In 1970, Stack earned her Bachelor’s in Fine Arts from the University of Illinois. In 1972, she earned her Master’s in Fine Arts from Southern Illinois University. After a brief stint as an instructor at the University of Wisconsin, Stack and her two sons moved to Houston.

“When I came to Houston I had three part-time jobs,” said Stack. “I taught a class at the High School for Performing and Visual Arts, I taught art after school at the Contemporary Arts Museum, and I taught one course at UH.”

The next year she taught an additional class at UH. At the same time, Stack’s career as an artist was burgeoning.

Since 1972, her work has consistently been part of national and international group exhibitions or shown as solo exhibitions. She was included in two exhibitions at the Guggenheim Museum and received two National Endowment for the Arts artists grants. Stack’s art has been reviewed in many national and international journals.

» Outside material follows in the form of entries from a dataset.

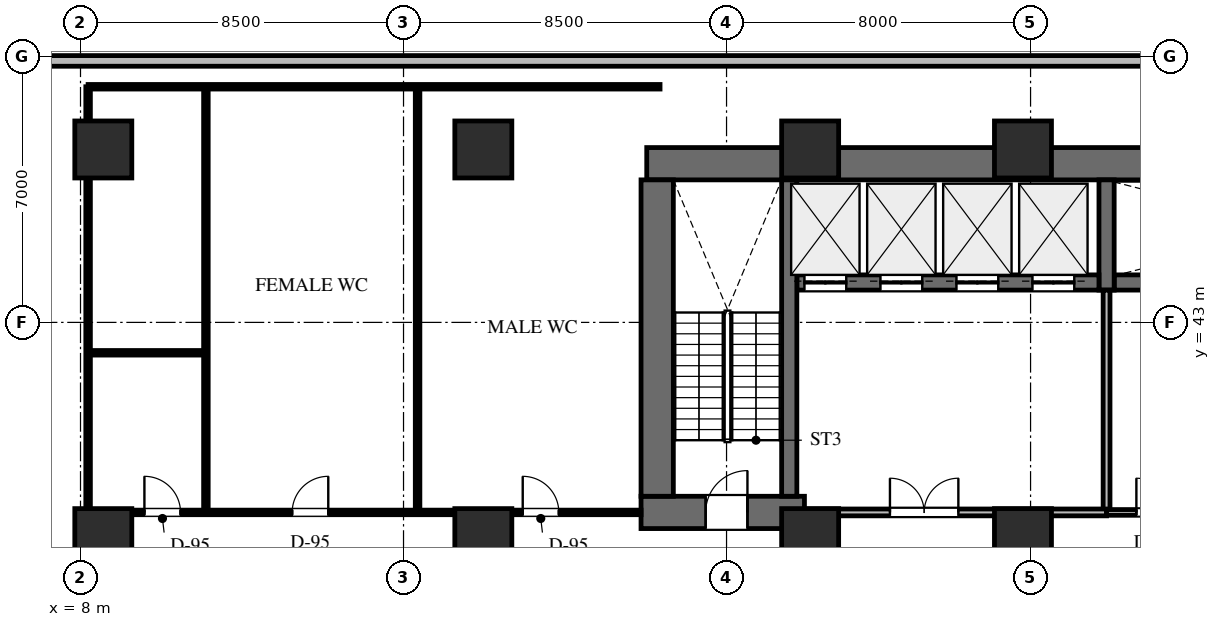
"""IFC4 building model, lengths in metres.
Left out: names, types, materials, properties, quantities, classifications, styles, units other than length and angle.
Written with IfcOpenShell. Run it as: python <this file> out.ifc"""

import sys

from ifc_helpers import new_model, si_unit, direction, frame, frame_2d, origin, origin_2d, place, context, subcontext, project, spatial, rectangle, extrude, element, fill, save


model = new_model("IFC4")
c1 = context("Model", 3, precision=1e-05, world=origin(), true_north=direction((0.0, 1.0)))
c2 = subcontext(c1, "Body", "Model", "MODEL_VIEW")
j1 = project(units=[si_unit("LENGTHUNIT", "METRE"), si_unit("PLANEANGLEUNIT", "RADIAN")], contexts=[c1])
p1 = place(None, origin())
s1 = spatial("IfcSite", under=j1, at=p1, CompositionType="ELEMENT")
p2 = place(p1, origin())
s2 = spatial("IfcBuilding", under=s1, at=p2, CompositionType="ELEMENT")
p3 = place(p2, frame((0.0, 0.0, 15.3)))
s3 = spatial("IfcBuildingStorey", under=s2, at=p3, CompositionType="ELEMENT", Elevation=15.3)
p4 = place(p3, frame((22.9, 47.175, 0.0), z_axis=(0.0, 0.0, 1.0), x_axis=(1.0, 0.0, 0.0)))
e1 = element("IfcWall", 1, at=p4, inside=s3, PredefinedType="SHEAR", context=c2, shape_type="SweptSolid", body=[
    extrude(rectangle(XDim=43.8, YDim=0.85, at=frame_2d((21.9, 0.0))), origin(), (0.0, 0.0, 1.0), 4.5),
])
p5 = place(p3, frame((35.2, 44.05, 0.0), z_axis=(0.0, 0.0, 1.0), x_axis=(1.0, 0.0, 0.0)))
e2 = element("IfcWall", 2, at=p5, inside=s3, PredefinedType="SHEAR", context=c2, shape_type="SweptSolid", body=[
    extrude(rectangle(XDim=9.65, YDim=0.4, at=frame_2d((4.825, 0.0))), origin(), (0.0, 0.0, 1.0), 4.5),
])
p6 = place(p3, frame((35.0, 43.85, 0.0), z_axis=(0.0, 0.0, 1.0), x_axis=(0.0, 1.0, 0.0)))
e3 = element("IfcWall", 3, at=p6, inside=s3, PredefinedType="SHEAR", context=c2, shape_type="SweptSolid", body=[
    extrude(rectangle(XDim=2.9, YDim=0.4, at=frame_2d((1.45, 0.0))), origin(), (0.0, 0.0, 1.0), 4.5),
])
p7 = place(p3, frame((26.85, 44.05, 0.0), z_axis=(0.0, 0.0, 1.0), x_axis=(1.0, 0.0, 0.0)))
e4 = element("IfcWall", 4, at=p7, inside=s3, PredefinedType="SHEAR", context=c2, shape_type="SweptSolid", body=[
    extrude(rectangle(XDim=7.95, YDim=0.4, at=frame_2d((3.975, 0.0))), origin(), (0.0, 0.0, 1.0), 4.5),
])
p8 = place(p7, frame((0.2, 0.0, 0.0)))
e5 = element("IfcOpeningElement", 5, at=p8, cuts=e4, PredefinedType="OPENING", context=c2, shape_type="SweptSolid", body=[
    extrude(rectangle(XDim=1.1, YDim=2.2, at=frame_2d((0.55, 1.1))), frame((0.0, 0.21, 0.0), z_axis=(0.0, -1.0, 0.0), x_axis=(1.0, 0.0, 0.0)), (0.0, 0.0, 1.0), 0.42),
])
p9 = place(p7, frame((2.2, 0.0, 0.0)))
e6 = element("IfcOpeningElement", 6, at=p9, cuts=e4, PredefinedType="OPENING", context=c2, shape_type="SweptSolid", body=[
    extrude(rectangle(XDim=1.1, YDim=2.2, at=frame_2d((0.55, 1.1))), frame((0.0, 0.21, 0.0), z_axis=(0.0, -1.0, 0.0), x_axis=(1.0, 0.0, 0.0)), (0.0, 0.0, 1.0), 0.42),
])
p10 = place(p7, frame((4.2, 0.0, 0.0)))
e7 = element("IfcOpeningElement", 7, at=p10, cuts=e4, PredefinedType="OPENING", context=c2, shape_type="SweptSolid", body=[
    extrude(rectangle(XDim=1.1, YDim=2.2, at=frame_2d((0.55, 1.1))), frame((0.0, 0.21, 0.0), z_axis=(0.0, -1.0, 0.0), x_axis=(1.0, 0.0, 0.0)), (0.0, 0.0, 1.0), 0.42),
])
p11 = place(p7, frame((6.2, 0.0, 0.0)))
e8 = element("IfcOpeningElement", 8, at=p11, cuts=e4, PredefinedType="OPENING", context=c2, shape_type="SweptSolid", body=[
    extrude(rectangle(XDim=1.1, YDim=2.2, at=frame_2d((0.55, 1.1))), frame((0.0, 0.21, 0.0), z_axis=(0.0, -1.0, 0.0), x_axis=(1.0, 0.0, 0.0)), (0.0, 0.0, 1.0), 0.42),
])
p12 = place(p3, frame((22.75, 38.0, 0.0), z_axis=(0.0, 0.0, 1.0), x_axis=(1.0, 0.0, 0.0)))
e9 = element("IfcWall", 9, at=p12, inside=s3, PredefinedType="SHEAR", context=c2, shape_type="SweptSolid", body=[
    extrude(rectangle(XDim=4.3, YDim=0.85, at=frame_2d((2.15, 0.0))), origin(), (0.0, 0.0, 1.0), 4.5),
])
p13 = place(p12, frame((1.7, 0.0, 0.0)))
e10 = element("IfcOpeningElement", 10, at=p13, cuts=e9, PredefinedType="OPENING", context=c2, shape_type="SweptSolid", body=[
    extrude(rectangle(XDim=1.1, YDim=2.2, at=frame_2d((0.55, 1.1))), frame((0.0, 0.435, 0.0), z_axis=(0.0, -1.0, 0.0), x_axis=(1.0, 0.0, 0.0)), (0.0, 0.0, 1.0), 0.87),
])
p14 = place(p3, frame((23.175, 38.425, 0.0), z_axis=(0.0, 0.0, 1.0), x_axis=(0.0, 1.0, 0.0)))
e11 = element("IfcWall", 11, at=p14, inside=s3, PredefinedType="SHEAR", context=c2, shape_type="SweptSolid", body=[
    extrude(rectangle(XDim=8.325, YDim=0.85, at=frame_2d((4.163, 0.0))), origin(), (0.0, 0.0, 1.0), 4.5),
])
p15 = place(p3, frame((26.65, 38.425, 0.0), z_axis=(0.0, 0.0, 1.0), x_axis=(0.0, 1.0, 0.0)))
e12 = element("IfcWall", 12, at=p15, inside=s3, PredefinedType="SHEAR", context=c2, shape_type="SweptSolid", body=[
    extrude(rectangle(XDim=8.325, YDim=0.4, at=frame_2d((4.163, 0.0))), origin(), (0.0, 0.0, 1.0), 4.5),
])
for number, where, z_axis, x_axis in (
    (13, (32.8, 37.35, 0.0), (0.0, 0.0, 1.0), (1.0, 0.0, 0.0)),
    (14, (32.8, 47.55, 0.0), (0.0, 0.0, 1.0), (1.0, 0.0, 0.0)),
    (15, (27.2, 37.35, 0.0), (0.0, 0.0, 1.0), (1.0, 0.0, 0.0)),
    (16, (27.2, 47.55, 0.0), (0.0, 0.0, 1.0), (1.0, 0.0, 0.0)),
    (17, (18.6, 37.35, 0.0), (0.0, 0.0, 1.0), (1.0, 0.0, 0.0)),
    (18, (18.6, 47.55, 0.0), (0.0, 0.0, 1.0), (1.0, 0.0, 0.0)),
    (19, (8.6, 37.35, 0.0), (0.0, 0.0, 1.0), (1.0, 0.0, 0.0)),
    (20, (8.6, 47.55, 0.0), (0.0, 0.0, 1.0), (1.0, 0.0, 0.0)),
):
    element("IfcColumn", number, at=place(p3, frame(where, z_axis=z_axis, x_axis=x_axis)), inside=s3, PredefinedType="COLUMN", context=c2, shape_type="SweptSolid", body=[
        extrude(rectangle(XDim=1.5, YDim=1.5, at=origin_2d()), origin(), (0.0, 0.0, 1.0), 4.5),
    ])
p16 = place(p3, frame((2.65, 49.88, 0.0), z_axis=(0.0, 0.0, 1.0), x_axis=(1.0, 0.0, 0.0)))
e21 = element("IfcWall", 21, at=p16, inside=s3, PredefinedType="STANDARD", context=c2, shape_type="SweptSolid", body=[
    extrude(rectangle(XDim=68.701, YDim=0.28, at=frame_2d((34.35, 0.0))), origin(), (0.0, 0.0, 1.0), 4.23),
])
p17 = place(p3, frame((35.0, 38.0, 0.0), z_axis=(0.0, 0.0, 1.0), x_axis=(0.0, 1.0, 0.0)))
e22 = element("IfcWall", 22, at=p17, inside=s3, PredefinedType="STANDARD", context=c2, shape_type="SweptSolid", body=[
    extrude(rectangle(XDim=5.85, YDim=0.18, at=frame_2d((2.925, 0.0))), origin(), (0.0, 0.0, 1.0), 4.23),
])
p18 = place(p3, frame((27.05, 38.0, 0.0), z_axis=(0.0, 0.0, 1.0), x_axis=(1.0, 0.0, 0.0)))
e23 = element("IfcWall", 23, at=p18, inside=s3, PredefinedType="STANDARD", context=c2, shape_type="SweptSolid", body=[
    extrude(rectangle(XDim=7.95, YDim=0.18, at=frame_2d((3.975, 0.0))), origin(), (0.0, 0.0, 1.0), 3.282),
])
p19 = place(p18, frame((2.25, 0.0, 0.0)))
e24 = element("IfcOpeningElement", 24, at=p19, cuts=e23, PredefinedType="OPENING", context=c2, shape_type="SweptSolid", body=[
    extrude(rectangle(XDim=1.8, YDim=2.2, at=frame_2d((0.9, 1.1))), frame((0.0, 0.1, 0.0), z_axis=(0.0, -1.0, 0.0), x_axis=(1.0, 0.0, 0.0)), (0.0, 0.0, 1.0), 0.2),
])
p20 = place(p3, frame((35.0, 38.0, 0.0), z_axis=(0.0, 0.0, 1.0), x_axis=(1.0, 0.0, 0.0)))
e25 = element("IfcWall", 25, at=p20, inside=s3, PredefinedType="PARTITIONING", context=c2, shape_type="SweptSolid", body=[
    extrude(rectangle(XDim=10.05, YDim=0.15, at=frame_2d((5.025, 0.0))), origin(), (0.0, 0.0, 1.0), 3.282),
])
p21 = place(p20, frame((0.785, 0.0, 0.0)))
e26 = element("IfcOpeningElement", 26, at=p21, cuts=e25, PredefinedType="OPENING", context=c2, shape_type="SweptSolid", body=[
    extrude(rectangle(XDim=0.9, YDim=2.1, at=frame_2d((0.45, 1.05))), frame((0.0, 0.085, 0.0), z_axis=(0.0, -1.0, 0.0), x_axis=(1.0, 0.0, 0.0)), (0.0, 0.0, 1.0), 0.17),
])
p22 = place(p20, frame((6.225, 0.0, 0.0)))
e27 = element("IfcOpeningElement", 27, at=p22, cuts=e25, PredefinedType="OPENING", context=c2, shape_type="SweptSolid", body=[
    extrude(rectangle(XDim=1.05, YDim=2.2, at=frame_2d((0.525, 1.1))), frame((0.0, 0.085, 0.0), z_axis=(0.0, -1.0, 0.0), x_axis=(1.0, 0.0, 0.0)), (0.0, 0.0, 1.0), 0.17),
])
p23 = place(p3, frame((8.2, 38.0, 0.0), z_axis=(0.0, 0.0, 1.0), x_axis=(1.0, 0.0, 0.0)))
e28 = element("IfcWall", 28, at=p23, inside=s3, PredefinedType="PARTITIONING", context=c2, shape_type="SweptSolid", body=[
    extrude(rectangle(XDim=14.55, YDim=0.12, at=frame_2d((7.275, 0.0))), origin(), (0.0, 0.0, 1.0), 3.282),
])
p24 = place(p23, frame((1.482, 0.0, 0.0)))
e29 = element("IfcOpeningElement", 29, at=p24, cuts=e28, PredefinedType="OPENING", context=c2, shape_type="SweptSolid", body=[
    extrude(rectangle(XDim=0.95, YDim=2.15, at=frame_2d((0.475, 1.075))), frame((0.0, 0.07, 0.0), z_axis=(0.0, -1.0, 0.0), x_axis=(1.0, 0.0, 0.0)), (0.0, 0.0, 1.0), 0.14),
])
p25 = place(p23, frame((5.37, 0.0, 0.0)))
e30 = element("IfcOpeningElement", 30, at=p25, cuts=e28, PredefinedType="OPENING", context=c2, shape_type="SweptSolid", body=[
    extrude(rectangle(XDim=0.95, YDim=2.15, at=frame_2d((0.475, 1.075))), frame((0.0, 0.07, 0.0), z_axis=(0.0, -1.0, 0.0), x_axis=(1.0, 0.0, 0.0)), (0.0, 0.0, 1.0), 0.14),
])
p26 = place(p23, frame((11.437, 0.0, 0.0)))
e31 = element("IfcOpeningElement", 31, at=p26, cuts=e28, PredefinedType="OPENING", context=c2, shape_type="SweptSolid", body=[
    extrude(rectangle(XDim=0.95, YDim=2.15, at=frame_2d((0.475, 1.075))), frame((0.0, 0.07, 0.0), z_axis=(0.0, -1.0, 0.0), x_axis=(1.0, 0.0, 0.0)), (0.0, 0.0, 1.0), 0.14),
])
p27 = place(p3, frame((8.2, 38.0, 0.0), z_axis=(0.0, 0.0, 1.0), x_axis=(0.0, 1.0, 0.0)))
e32 = element("IfcWall", 32, at=p27, inside=s3, PredefinedType="PARTITIONING", context=c2, shape_type="SweptSolid", body=[
    extrude(rectangle(XDim=11.2, YDim=0.12, at=frame_2d((5.6, 0.0))), origin(), (0.0, 0.0, 1.0), 4.23),
])
p28 = place(p3, frame((8.2, 49.2, 0.0), z_axis=(0.0, 0.0, 1.0), x_axis=(1.0, 0.0, 0.0)))
e33 = element("IfcWall", 33, at=p28, inside=s3, PredefinedType="PARTITIONING", context=c2, shape_type="SweptSolid", body=[
    extrude(rectangle(XDim=15.05, YDim=0.12, at=frame_2d((7.525, 0.0))), origin(), (0.0, 0.0, 1.0), 4.23),
])
for number, where, z_axis, x_axis in (
    (34, (11.3, 38.068, 0.0), (0.0, 0.0, 1.0), (0.0, 1.0, 0.0)),
    (35, (16.87, 38.068, 0.0), (0.0, 0.0, 1.0), (0.0, 1.0, 0.0)),
):
    element("IfcWall", number, at=place(p3, frame(where, z_axis=z_axis, x_axis=x_axis)), inside=s3, PredefinedType="PARTITIONING", context=c2, shape_type="SweptSolid", body=[
        extrude(rectangle(XDim=11.064, YDim=0.12, at=frame_2d((5.532, 0.0))), origin(), (0.0, 0.0, 1.0), 3.282),
    ])
p29 = place(p3, frame((8.268, 42.2, 0.0), z_axis=(0.0, 0.0, 1.0), x_axis=(1.0, 0.0, 0.0)))
e36 = element("IfcWall", 36, at=p29, inside=s3, PredefinedType="PARTITIONING", context=c2, shape_type="SweptSolid", body=[
    extrude(rectangle(XDim=2.964, YDim=0.12, at=frame_2d((1.482, 0.0))), origin(), (0.0, 0.0, 1.0), 3.282),
])
p30 = place(p13, origin())
e37 = element("IfcDoor", 37, at=p30, inside=s3, OperationType="SINGLE_SWING_RIGHT", PredefinedType="DOOR", context=c2, shape_type="SweptSolid", body=[
    extrude(rectangle(XDim=1.1, YDim=2.2, at=frame_2d((0.55, 1.1))), frame((0.0, 0.025, 0.0), z_axis=(0.0, -1.0, 0.0), x_axis=(1.0, 0.0, 0.0)), (0.0, 0.0, 1.0), 0.05),
])
fill(e10, e37)
p31 = place(p8, origin())
e38 = element("IfcDoor", 38, at=p31, inside=s3, OperationType="DOUBLE_DOOR_SLIDING", PredefinedType="DOOR", context=c2, shape_type="SweptSolid", body=[
    extrude(rectangle(XDim=1.1, YDim=2.2, at=frame_2d((0.55, 1.1))), frame((0.0, 0.025, 0.0), z_axis=(0.0, -1.0, 0.0), x_axis=(1.0, 0.0, 0.0)), (0.0, 0.0, 1.0), 0.05),
])
fill(e5, e38)
p32 = place(p9, origin())
e39 = element("IfcDoor", 39, at=p32, inside=s3, OperationType="DOUBLE_DOOR_SLIDING", PredefinedType="DOOR", context=c2, shape_type="SweptSolid", body=[
    extrude(rectangle(XDim=1.1, YDim=2.2, at=frame_2d((0.55, 1.1))), frame((0.0, 0.025, 0.0), z_axis=(0.0, -1.0, 0.0), x_axis=(1.0, 0.0, 0.0)), (0.0, 0.0, 1.0), 0.05),
])
fill(e6, e39)
p33 = place(p10, origin())
e40 = element("IfcDoor", 40, at=p33, inside=s3, OperationType="DOUBLE_DOOR_SLIDING", PredefinedType="DOOR", context=c2, shape_type="SweptSolid", body=[
    extrude(rectangle(XDim=1.1, YDim=2.2, at=frame_2d((0.55, 1.1))), frame((0.0, 0.025, 0.0), z_axis=(0.0, -1.0, 0.0), x_axis=(1.0, 0.0, 0.0)), (0.0, 0.0, 1.0), 0.05),
])
fill(e7, e40)
p34 = place(p11, origin())
e41 = element("IfcDoor", 41, at=p34, inside=s3, OperationType="DOUBLE_DOOR_SLIDING", PredefinedType="DOOR", context=c2, shape_type="SweptSolid", body=[
    extrude(rectangle(XDim=1.1, YDim=2.2, at=frame_2d((0.55, 1.1))), frame((0.0, 0.025, 0.0), z_axis=(0.0, -1.0, 0.0), x_axis=(1.0, 0.0, 0.0)), (0.0, 0.0, 1.0), 0.05),
])
fill(e8, e41)
p35 = place(p19, origin())
e42 = element("IfcDoor", 42, at=p35, inside=s3, OperationType="DOUBLE_DOOR_SINGLE_SWING", PredefinedType="DOOR", context=c2, shape_type="SweptSolid", body=[
    extrude(rectangle(XDim=1.8, YDim=2.2, at=frame_2d((0.9, 1.1))), frame((0.0, 0.025, 0.0), z_axis=(0.0, -1.0, 0.0), x_axis=(1.0, 0.0, 0.0)), (0.0, 0.0, 1.0), 0.05),
])
fill(e24, e42)
p36 = place(p21, origin())
e43 = element("IfcDoor", 43, at=p36, inside=s3, OperationType="SINGLE_SWING_LEFT", PredefinedType="DOOR", context=c2, shape_type="SweptSolid", body=[
    extrude(rectangle(XDim=0.9, YDim=2.1, at=frame_2d((0.45, 1.05))), frame((0.0, 0.025, 0.0), z_axis=(0.0, -1.0, 0.0), x_axis=(1.0, 0.0, 0.0)), (0.0, 0.0, 1.0), 0.05),
])
fill(e26, e43)
p37 = place(p24, origin())
e44 = element("IfcDoor", 44, at=p37, inside=s3, OperationType="SINGLE_SWING_LEFT", PredefinedType="DOOR", context=c2, shape_type="SweptSolid", body=[
    extrude(rectangle(XDim=0.95, YDim=2.15, at=frame_2d((0.475, 1.075))), frame((0.0, 0.025, 0.0), z_axis=(0.0, -1.0, 0.0), x_axis=(1.0, 0.0, 0.0)), (0.0, 0.0, 1.0), 0.05),
])
fill(e29, e44)
p38 = place(p25, origin())
e45 = element("IfcDoor", 45, at=p38, inside=s3, OperationType="SINGLE_SWING_RIGHT", PredefinedType="DOOR", context=c2, shape_type="SweptSolid", body=[
    extrude(rectangle(XDim=0.95, YDim=2.15, at=frame_2d((0.475, 1.075))), frame((0.0, 0.025, 0.0), z_axis=(0.0, -1.0, 0.0), x_axis=(1.0, 0.0, 0.0)), (0.0, 0.0, 1.0), 0.05),
])
fill(e30, e45)
p39 = place(p26, origin())
e46 = element("IfcDoor", 46, at=p39, inside=s3, OperationType="SINGLE_SWING_LEFT", PredefinedType="DOOR", context=c2, shape_type="SweptSolid", body=[
    extrude(rectangle(XDim=0.95, YDim=2.15, at=frame_2d((0.475, 1.075))), frame((0.0, 0.025, 0.0), z_axis=(0.0, -1.0, 0.0), x_axis=(1.0, 0.0, 0.0)), (0.0, 0.0, 1.0), 0.05),
])
fill(e31, e46)
save(model, sys.argv[1])

Additionally, Stack taught as a visiting professor in England in 1986 and at Yale University in 1991. Because of her accomplishments, in 1999 Stack was named a Moores Professor. In 2004-2005, Stack served as Director of the UH School of Art. Today, she teaches three classes, both graduate and undergraduate levels.

Stack considers herself a painter and a drawer – influenced by a teacher who once told her that she “had a good eye.” She also credits George Bunker, a former director of the UH School of Art, for being one of her biggest supporters.

“Professor Stack has been integral to the success of the School of Art at every level, but nowhere more than in our graduate program, the Masters in Fine Arts,” said Dr. Rex Koontz, Director of the UH School of Art. “This year we celebrate our 35th annual MFA exhibition, and a key part of building the most important graduate art program in the city and the region has been Gael’s tireless work with students. Her career and work serve as a model for those students, many of whom go on to participate in Houston’s burgeoning art world.”

When Stack is preparing for an exhibition, she creates new artwork for each and every show. She has a studio in her home, and she has an iPod set to shuffle to set the mood. She listens to everything, from Bach to Bob Marley.

When she isn’t in her studio or in the classroom, Stack travels. Her favorite destination remains Paris. But wherever she goes, she, of course, visits the local art museums.